March 31 is World Backup Day, so take a moment to make sure your important files are somewhere that matters.
If there’s one thing you can learn about the reliability of computers and phones, it’s that for as reliable as they can be, they can also reliably break down, and take out your files with them. It doesn’t matter how much you spend on a device — whether it’s budget or flagship — something bad can happen, and take out your data with it.
The unfortunate reality is that as good as hardware is — and it has improved greatly over the past few years — it can still fail. It means that your phone’s storage can die, as can the drive inside your computer, meaning if you haven’t backed up, recovery can be difficult.
Needing backups goes beyond mere hardware failure, because you’ll want them in case you accidentally make a mistake, if anyone accidentally deletes anything, or if you have the misfortune to open an internet nasty such as ransomware.
There are plenty of reasons to keep backups, but you just need to remind yourself to do it, and then do it.
Fortunately it’s not hard, and whether you have files on a phone or a computer, you can back up somewhere in your life easily, and possibly for not much money.
Here are three ways to make that possible regardless of the device you use, be it phone, tablet, computer, or Android, iOS, macOS, or Windows.
Back up to a cloud service
As we’re all netizens these days, often the most direct way to back up your life, files, photos, and more is to use a cloud service, as this can provide free space to work with in a small size, and much more at a cost.
Services such as Apple’s iCloud, Google Drive, Microsoft’s OneDrive, or other platforms such as Box and Dropbox provide a small amount of storage for free, and then even more if you don’t mind paying for the privilege.

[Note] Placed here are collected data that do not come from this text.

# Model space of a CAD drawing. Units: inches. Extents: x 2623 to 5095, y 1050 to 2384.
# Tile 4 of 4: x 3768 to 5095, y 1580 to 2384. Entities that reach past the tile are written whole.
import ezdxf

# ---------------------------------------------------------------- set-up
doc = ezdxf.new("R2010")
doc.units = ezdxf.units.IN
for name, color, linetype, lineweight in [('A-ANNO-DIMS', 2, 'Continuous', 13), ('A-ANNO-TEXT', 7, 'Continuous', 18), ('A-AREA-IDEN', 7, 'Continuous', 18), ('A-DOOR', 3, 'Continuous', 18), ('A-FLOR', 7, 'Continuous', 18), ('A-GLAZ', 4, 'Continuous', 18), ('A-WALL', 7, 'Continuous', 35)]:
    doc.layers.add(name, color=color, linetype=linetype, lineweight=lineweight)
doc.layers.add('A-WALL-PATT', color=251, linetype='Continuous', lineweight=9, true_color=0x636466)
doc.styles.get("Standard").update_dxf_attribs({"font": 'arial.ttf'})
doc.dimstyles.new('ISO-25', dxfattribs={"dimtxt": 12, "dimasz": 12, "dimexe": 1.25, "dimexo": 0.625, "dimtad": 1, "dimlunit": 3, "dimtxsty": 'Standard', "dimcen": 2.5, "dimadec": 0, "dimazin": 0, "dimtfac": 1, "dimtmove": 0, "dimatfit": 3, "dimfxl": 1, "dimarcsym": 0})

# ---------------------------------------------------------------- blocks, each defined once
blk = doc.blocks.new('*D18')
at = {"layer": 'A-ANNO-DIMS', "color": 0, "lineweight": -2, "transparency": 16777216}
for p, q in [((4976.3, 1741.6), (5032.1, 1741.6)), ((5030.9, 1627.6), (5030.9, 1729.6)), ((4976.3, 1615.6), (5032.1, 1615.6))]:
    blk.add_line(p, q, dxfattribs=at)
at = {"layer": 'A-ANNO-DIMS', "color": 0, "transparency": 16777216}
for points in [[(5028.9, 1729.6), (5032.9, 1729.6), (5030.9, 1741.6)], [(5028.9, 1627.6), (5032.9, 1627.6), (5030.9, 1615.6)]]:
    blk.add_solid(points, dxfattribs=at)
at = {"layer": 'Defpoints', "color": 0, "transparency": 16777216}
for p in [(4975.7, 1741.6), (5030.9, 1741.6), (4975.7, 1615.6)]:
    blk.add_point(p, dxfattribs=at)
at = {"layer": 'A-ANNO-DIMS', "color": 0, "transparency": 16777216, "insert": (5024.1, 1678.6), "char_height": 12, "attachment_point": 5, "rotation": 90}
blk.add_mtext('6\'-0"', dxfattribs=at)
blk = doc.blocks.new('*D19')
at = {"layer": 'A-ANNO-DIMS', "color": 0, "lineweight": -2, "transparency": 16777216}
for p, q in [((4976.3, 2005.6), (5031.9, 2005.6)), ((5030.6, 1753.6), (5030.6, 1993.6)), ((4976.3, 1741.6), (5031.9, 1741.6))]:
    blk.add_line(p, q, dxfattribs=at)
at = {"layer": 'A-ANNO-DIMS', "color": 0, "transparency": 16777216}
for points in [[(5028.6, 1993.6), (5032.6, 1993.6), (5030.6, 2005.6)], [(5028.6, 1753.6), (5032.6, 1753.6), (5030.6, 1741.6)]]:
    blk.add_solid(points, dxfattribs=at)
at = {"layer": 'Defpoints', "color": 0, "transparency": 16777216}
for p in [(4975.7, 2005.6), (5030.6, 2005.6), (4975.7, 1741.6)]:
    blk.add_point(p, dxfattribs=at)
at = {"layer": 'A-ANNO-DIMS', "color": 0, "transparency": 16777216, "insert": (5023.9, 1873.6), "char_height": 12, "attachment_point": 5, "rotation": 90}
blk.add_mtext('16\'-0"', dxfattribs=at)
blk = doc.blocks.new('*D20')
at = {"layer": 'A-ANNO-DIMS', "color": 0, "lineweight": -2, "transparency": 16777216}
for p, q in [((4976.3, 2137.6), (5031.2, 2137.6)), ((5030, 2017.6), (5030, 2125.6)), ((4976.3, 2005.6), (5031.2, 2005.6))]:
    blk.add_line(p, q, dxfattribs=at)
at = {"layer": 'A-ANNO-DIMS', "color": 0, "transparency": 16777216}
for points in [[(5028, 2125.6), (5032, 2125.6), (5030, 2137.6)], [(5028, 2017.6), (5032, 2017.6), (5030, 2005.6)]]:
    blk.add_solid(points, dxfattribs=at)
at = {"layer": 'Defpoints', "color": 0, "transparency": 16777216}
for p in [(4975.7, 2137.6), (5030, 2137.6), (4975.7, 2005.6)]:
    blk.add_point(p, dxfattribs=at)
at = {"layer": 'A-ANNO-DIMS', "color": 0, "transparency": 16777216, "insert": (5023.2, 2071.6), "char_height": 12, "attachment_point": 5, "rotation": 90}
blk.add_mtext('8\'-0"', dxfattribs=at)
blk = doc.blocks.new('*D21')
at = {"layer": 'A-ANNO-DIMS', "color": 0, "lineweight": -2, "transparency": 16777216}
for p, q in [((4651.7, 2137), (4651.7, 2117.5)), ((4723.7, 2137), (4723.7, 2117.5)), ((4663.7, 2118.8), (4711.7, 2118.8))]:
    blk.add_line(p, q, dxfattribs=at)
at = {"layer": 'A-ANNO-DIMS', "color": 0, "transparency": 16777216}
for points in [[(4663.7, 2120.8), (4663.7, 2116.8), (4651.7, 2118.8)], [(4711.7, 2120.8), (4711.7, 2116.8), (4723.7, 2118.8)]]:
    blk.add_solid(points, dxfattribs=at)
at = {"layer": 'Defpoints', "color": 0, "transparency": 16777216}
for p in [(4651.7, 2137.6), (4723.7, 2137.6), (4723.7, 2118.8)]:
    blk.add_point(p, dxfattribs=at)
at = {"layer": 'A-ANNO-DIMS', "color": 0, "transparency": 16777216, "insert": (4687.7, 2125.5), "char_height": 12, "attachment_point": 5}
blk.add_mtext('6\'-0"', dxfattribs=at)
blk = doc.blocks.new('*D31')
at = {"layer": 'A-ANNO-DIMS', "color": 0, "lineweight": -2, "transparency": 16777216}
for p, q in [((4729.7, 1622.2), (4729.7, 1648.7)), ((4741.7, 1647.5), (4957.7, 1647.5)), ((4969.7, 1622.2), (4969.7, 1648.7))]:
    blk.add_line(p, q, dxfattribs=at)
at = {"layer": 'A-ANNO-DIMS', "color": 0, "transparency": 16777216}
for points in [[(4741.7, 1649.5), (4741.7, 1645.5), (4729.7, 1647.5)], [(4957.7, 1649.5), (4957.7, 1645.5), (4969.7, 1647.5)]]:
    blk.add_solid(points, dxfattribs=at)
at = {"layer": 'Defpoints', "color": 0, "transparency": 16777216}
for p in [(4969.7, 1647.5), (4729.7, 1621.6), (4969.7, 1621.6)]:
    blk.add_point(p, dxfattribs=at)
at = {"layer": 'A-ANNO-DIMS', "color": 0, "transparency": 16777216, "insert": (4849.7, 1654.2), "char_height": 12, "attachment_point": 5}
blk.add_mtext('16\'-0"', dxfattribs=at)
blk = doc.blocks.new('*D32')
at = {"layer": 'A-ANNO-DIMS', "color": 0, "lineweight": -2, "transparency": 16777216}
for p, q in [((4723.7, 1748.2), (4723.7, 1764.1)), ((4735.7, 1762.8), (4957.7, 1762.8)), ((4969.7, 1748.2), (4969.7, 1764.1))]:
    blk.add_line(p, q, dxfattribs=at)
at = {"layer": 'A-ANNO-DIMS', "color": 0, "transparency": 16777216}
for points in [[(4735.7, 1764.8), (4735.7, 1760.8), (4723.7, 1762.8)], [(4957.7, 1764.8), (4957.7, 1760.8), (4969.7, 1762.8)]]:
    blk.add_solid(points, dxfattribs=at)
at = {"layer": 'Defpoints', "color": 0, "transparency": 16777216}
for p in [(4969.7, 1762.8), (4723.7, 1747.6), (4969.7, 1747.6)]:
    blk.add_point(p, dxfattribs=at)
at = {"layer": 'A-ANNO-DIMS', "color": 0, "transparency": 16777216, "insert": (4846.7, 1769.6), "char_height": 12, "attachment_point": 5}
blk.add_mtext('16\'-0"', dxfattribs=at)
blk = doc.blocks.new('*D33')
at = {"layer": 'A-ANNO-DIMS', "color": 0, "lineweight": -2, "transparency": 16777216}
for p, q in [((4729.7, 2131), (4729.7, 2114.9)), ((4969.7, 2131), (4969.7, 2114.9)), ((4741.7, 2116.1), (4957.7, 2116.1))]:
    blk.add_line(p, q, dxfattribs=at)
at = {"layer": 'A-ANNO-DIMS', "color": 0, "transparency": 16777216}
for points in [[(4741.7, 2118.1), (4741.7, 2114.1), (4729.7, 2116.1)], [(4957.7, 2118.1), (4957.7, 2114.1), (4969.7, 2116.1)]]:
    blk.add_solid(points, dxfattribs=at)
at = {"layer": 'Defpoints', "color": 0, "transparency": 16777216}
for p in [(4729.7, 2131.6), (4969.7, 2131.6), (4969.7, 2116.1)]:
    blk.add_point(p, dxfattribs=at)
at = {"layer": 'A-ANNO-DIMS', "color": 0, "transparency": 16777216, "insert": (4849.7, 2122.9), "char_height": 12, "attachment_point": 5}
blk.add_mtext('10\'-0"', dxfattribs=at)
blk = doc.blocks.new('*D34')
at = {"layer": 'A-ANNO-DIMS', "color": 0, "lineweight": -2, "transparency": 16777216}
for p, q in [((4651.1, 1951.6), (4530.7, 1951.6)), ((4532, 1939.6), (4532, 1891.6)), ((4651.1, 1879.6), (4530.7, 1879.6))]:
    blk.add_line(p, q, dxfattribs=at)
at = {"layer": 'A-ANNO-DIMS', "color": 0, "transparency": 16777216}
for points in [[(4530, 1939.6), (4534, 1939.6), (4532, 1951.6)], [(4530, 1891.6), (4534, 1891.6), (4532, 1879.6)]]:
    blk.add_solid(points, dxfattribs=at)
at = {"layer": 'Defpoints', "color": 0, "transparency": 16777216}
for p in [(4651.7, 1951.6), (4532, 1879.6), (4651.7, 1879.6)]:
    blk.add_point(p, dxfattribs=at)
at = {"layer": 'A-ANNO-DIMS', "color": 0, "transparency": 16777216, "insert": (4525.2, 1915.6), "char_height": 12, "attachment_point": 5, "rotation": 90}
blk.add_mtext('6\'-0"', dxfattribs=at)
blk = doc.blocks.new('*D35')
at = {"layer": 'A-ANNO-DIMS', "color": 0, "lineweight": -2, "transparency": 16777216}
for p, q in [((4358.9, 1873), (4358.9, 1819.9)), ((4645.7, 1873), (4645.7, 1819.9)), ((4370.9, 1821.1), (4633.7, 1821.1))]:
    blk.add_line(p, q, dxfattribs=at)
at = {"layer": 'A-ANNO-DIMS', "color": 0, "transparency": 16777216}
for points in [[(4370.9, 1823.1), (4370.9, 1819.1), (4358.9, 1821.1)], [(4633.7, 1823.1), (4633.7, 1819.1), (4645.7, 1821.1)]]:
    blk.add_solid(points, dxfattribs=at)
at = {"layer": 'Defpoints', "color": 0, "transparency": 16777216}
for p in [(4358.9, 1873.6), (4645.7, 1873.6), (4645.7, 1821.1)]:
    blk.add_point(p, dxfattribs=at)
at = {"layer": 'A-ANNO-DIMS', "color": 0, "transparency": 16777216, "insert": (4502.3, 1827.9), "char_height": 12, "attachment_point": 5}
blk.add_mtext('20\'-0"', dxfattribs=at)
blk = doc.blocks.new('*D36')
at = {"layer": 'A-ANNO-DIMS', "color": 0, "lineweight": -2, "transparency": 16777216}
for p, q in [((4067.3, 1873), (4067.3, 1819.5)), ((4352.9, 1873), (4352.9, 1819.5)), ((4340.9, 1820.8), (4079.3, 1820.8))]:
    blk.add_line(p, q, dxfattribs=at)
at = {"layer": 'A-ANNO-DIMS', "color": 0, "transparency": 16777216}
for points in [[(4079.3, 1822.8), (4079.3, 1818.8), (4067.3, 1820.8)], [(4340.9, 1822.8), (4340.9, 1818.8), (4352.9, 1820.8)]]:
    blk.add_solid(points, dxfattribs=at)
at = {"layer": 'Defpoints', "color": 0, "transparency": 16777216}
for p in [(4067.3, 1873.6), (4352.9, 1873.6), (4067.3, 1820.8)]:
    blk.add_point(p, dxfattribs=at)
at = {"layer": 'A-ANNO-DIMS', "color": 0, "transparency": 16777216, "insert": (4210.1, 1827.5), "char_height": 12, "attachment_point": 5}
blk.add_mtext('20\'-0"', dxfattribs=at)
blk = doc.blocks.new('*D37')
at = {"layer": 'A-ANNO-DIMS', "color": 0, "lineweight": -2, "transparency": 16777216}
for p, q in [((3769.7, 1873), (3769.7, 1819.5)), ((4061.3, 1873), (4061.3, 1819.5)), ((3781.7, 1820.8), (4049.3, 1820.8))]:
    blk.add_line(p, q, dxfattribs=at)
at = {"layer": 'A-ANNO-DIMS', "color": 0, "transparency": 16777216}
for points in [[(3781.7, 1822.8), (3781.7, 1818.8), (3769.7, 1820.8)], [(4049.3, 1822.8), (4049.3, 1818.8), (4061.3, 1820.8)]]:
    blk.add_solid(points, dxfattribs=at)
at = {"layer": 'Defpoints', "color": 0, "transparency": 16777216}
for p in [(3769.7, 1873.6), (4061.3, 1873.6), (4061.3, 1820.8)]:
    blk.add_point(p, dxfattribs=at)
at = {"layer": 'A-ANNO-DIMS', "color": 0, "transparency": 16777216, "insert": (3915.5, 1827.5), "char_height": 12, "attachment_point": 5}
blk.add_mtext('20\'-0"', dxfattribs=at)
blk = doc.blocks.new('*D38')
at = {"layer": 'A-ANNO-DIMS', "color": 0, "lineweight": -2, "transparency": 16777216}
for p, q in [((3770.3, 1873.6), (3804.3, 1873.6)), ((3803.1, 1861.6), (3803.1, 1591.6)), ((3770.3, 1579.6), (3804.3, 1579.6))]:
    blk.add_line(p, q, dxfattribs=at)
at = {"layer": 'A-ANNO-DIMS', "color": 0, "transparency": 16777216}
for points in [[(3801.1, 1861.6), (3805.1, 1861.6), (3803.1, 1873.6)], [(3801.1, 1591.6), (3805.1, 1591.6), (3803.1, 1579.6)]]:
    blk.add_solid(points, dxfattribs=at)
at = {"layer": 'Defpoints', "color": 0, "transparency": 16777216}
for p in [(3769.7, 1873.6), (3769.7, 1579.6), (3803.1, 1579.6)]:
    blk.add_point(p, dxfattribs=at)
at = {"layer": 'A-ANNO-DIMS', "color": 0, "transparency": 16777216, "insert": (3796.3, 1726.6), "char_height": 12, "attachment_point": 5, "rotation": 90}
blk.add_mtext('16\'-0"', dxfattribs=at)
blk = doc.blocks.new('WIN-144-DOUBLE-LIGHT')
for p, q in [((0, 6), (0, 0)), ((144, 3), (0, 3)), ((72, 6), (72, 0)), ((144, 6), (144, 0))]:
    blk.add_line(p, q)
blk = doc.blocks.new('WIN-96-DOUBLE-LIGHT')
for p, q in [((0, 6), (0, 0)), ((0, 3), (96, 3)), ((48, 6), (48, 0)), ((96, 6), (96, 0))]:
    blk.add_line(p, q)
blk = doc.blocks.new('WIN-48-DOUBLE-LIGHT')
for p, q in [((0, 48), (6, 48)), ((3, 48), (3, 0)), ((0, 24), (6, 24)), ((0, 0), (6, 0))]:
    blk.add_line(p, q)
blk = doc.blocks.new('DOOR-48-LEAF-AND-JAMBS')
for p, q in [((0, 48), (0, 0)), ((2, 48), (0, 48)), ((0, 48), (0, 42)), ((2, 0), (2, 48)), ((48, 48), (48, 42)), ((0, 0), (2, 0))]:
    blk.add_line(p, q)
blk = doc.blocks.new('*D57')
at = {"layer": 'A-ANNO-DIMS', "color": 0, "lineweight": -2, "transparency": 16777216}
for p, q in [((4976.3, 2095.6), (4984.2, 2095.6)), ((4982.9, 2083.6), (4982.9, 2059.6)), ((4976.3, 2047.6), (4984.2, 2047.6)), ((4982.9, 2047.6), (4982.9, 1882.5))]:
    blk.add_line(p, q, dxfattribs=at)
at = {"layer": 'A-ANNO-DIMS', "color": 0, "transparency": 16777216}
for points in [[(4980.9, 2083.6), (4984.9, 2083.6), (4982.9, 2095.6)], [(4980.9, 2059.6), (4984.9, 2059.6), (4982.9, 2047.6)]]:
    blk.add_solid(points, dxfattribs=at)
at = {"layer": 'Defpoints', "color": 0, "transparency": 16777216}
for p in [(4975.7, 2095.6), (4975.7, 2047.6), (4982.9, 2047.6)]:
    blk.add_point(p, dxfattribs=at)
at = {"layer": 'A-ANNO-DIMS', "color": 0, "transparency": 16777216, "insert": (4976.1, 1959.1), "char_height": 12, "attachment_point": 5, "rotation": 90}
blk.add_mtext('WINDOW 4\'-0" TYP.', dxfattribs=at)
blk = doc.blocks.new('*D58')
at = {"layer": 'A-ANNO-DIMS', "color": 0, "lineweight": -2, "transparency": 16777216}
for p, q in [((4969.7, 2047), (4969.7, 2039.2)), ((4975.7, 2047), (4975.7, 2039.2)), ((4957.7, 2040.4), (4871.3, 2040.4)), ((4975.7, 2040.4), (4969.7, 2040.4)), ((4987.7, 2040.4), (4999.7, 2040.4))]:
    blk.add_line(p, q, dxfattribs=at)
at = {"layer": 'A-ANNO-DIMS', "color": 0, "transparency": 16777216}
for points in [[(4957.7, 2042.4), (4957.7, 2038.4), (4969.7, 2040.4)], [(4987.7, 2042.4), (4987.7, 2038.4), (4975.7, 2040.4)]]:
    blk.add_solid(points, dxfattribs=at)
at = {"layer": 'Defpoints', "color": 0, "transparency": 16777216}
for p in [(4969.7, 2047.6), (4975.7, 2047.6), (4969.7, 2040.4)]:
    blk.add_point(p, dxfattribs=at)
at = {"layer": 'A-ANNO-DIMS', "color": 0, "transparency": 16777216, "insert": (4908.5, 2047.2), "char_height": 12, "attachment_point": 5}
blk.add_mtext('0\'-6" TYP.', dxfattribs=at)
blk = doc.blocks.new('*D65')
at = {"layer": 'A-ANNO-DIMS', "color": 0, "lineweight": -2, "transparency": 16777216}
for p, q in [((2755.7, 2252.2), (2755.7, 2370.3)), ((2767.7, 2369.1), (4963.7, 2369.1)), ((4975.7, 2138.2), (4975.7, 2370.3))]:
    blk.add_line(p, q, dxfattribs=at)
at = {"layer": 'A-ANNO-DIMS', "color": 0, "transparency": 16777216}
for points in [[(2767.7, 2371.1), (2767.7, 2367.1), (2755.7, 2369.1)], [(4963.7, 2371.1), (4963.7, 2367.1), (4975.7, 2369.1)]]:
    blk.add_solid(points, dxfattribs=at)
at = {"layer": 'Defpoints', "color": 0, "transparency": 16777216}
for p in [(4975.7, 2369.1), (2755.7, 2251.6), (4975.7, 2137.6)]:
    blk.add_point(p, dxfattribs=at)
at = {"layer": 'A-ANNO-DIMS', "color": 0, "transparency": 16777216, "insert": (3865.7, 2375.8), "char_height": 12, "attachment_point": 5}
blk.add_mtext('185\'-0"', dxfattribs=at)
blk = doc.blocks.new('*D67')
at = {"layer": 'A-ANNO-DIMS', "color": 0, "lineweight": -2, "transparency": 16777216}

Each offers apps for the respective mobile operating systems — iOS and Android — and they can also be accessed using a web browser. And thanks to how modern web browsers can upload files in bulk, you typically just have to select some files or folders, and then upload, providing a place for you to store those files.
Depending on the services you subscribe to, you might even get cloud storage bundled in, such as how Apple One includes gigabytes for use on iCloud with each account.
Back up to a portable drive
Next up is a portable drive, and these come in three varieties: thumb drive, portable hard drive (HDD), and portable solid state drive (SSD).
You’ll know the first easily, because thumb drives are largely ubiquitous. They’re the small sticks we used to carry with us, and some of us still do, offering as much as 512GB of storage with relatively speedy flash media, though limited to the speeds of a USB port.
The smaller the drive, the lower the price, but these have the convenience of being small and often able to be thrown on a keyring, making them ideal for backup you intend to keep with you.
Next up is a portable hard drive, and again, you’ll probably know these as the backup that offers the best value for money. You can typically find 1TB (1024GB) for just over $50 in Australia, while 2TB (2048GB) is often under $100, while 4TB (4096GB) can be had for under $150.
Portable hard drives are smallish, a bit like a phone but a little wider, and plug into USB, offering proper value for money on how many megs and gigs that you get.
The downside of portable hard drives isn’t the value, but rather the speed: hard drives aren’t as fast as flash media, and so even when plugged into fast USB ports, you don’t typically see a tremendous burst of speed. Portable hard drives are great for backing up a lot of files, provided you don’t have a time constraint.
Finally, there’s the portable solid state drive, also known as a portable SSD. These are the modern drives we typically review, and include options like Samsung’s T7 SSD and WD’s My Passport SSD, both of which compete against each other quite well.
Much like the portable hard drive, a portable SSD offers a lot of storage, but also gets the benefits of the flash media, making them fast. The technology is flash-based rather than disk-based, and much like how your phone and modern laptops like the MacBook Air provide near instantaneous file access, so too does a portable SSD.
In short, if you want your backups to fly with plenty of storage, you typically want to look to a portable SSD.
Back up to a network drive
While the cloud service is the one most of us will use, and the portable drive is easy to back up to, a network drive is often a great option for the entire family.
This approach typically uses hard drives but can use solid-state drives, and basically leaves an appliance in the home that you back up to either on demand, or if you’ve scheduled it.
Nearly every hard drive maker has two options, with a BYO variety allowing you to bring your own drives and make it the size you want, or one that comes preconfigured for the purpose, the latter of which is ideal for the general average buyer.
Network drives, also known as a “NAS” or “Network Attached Storage” typically plug into your network using a network cable, and basically provide your home network with a drive to back up to. They can even be set up so that not only your computer has access, but your phone, and remotely.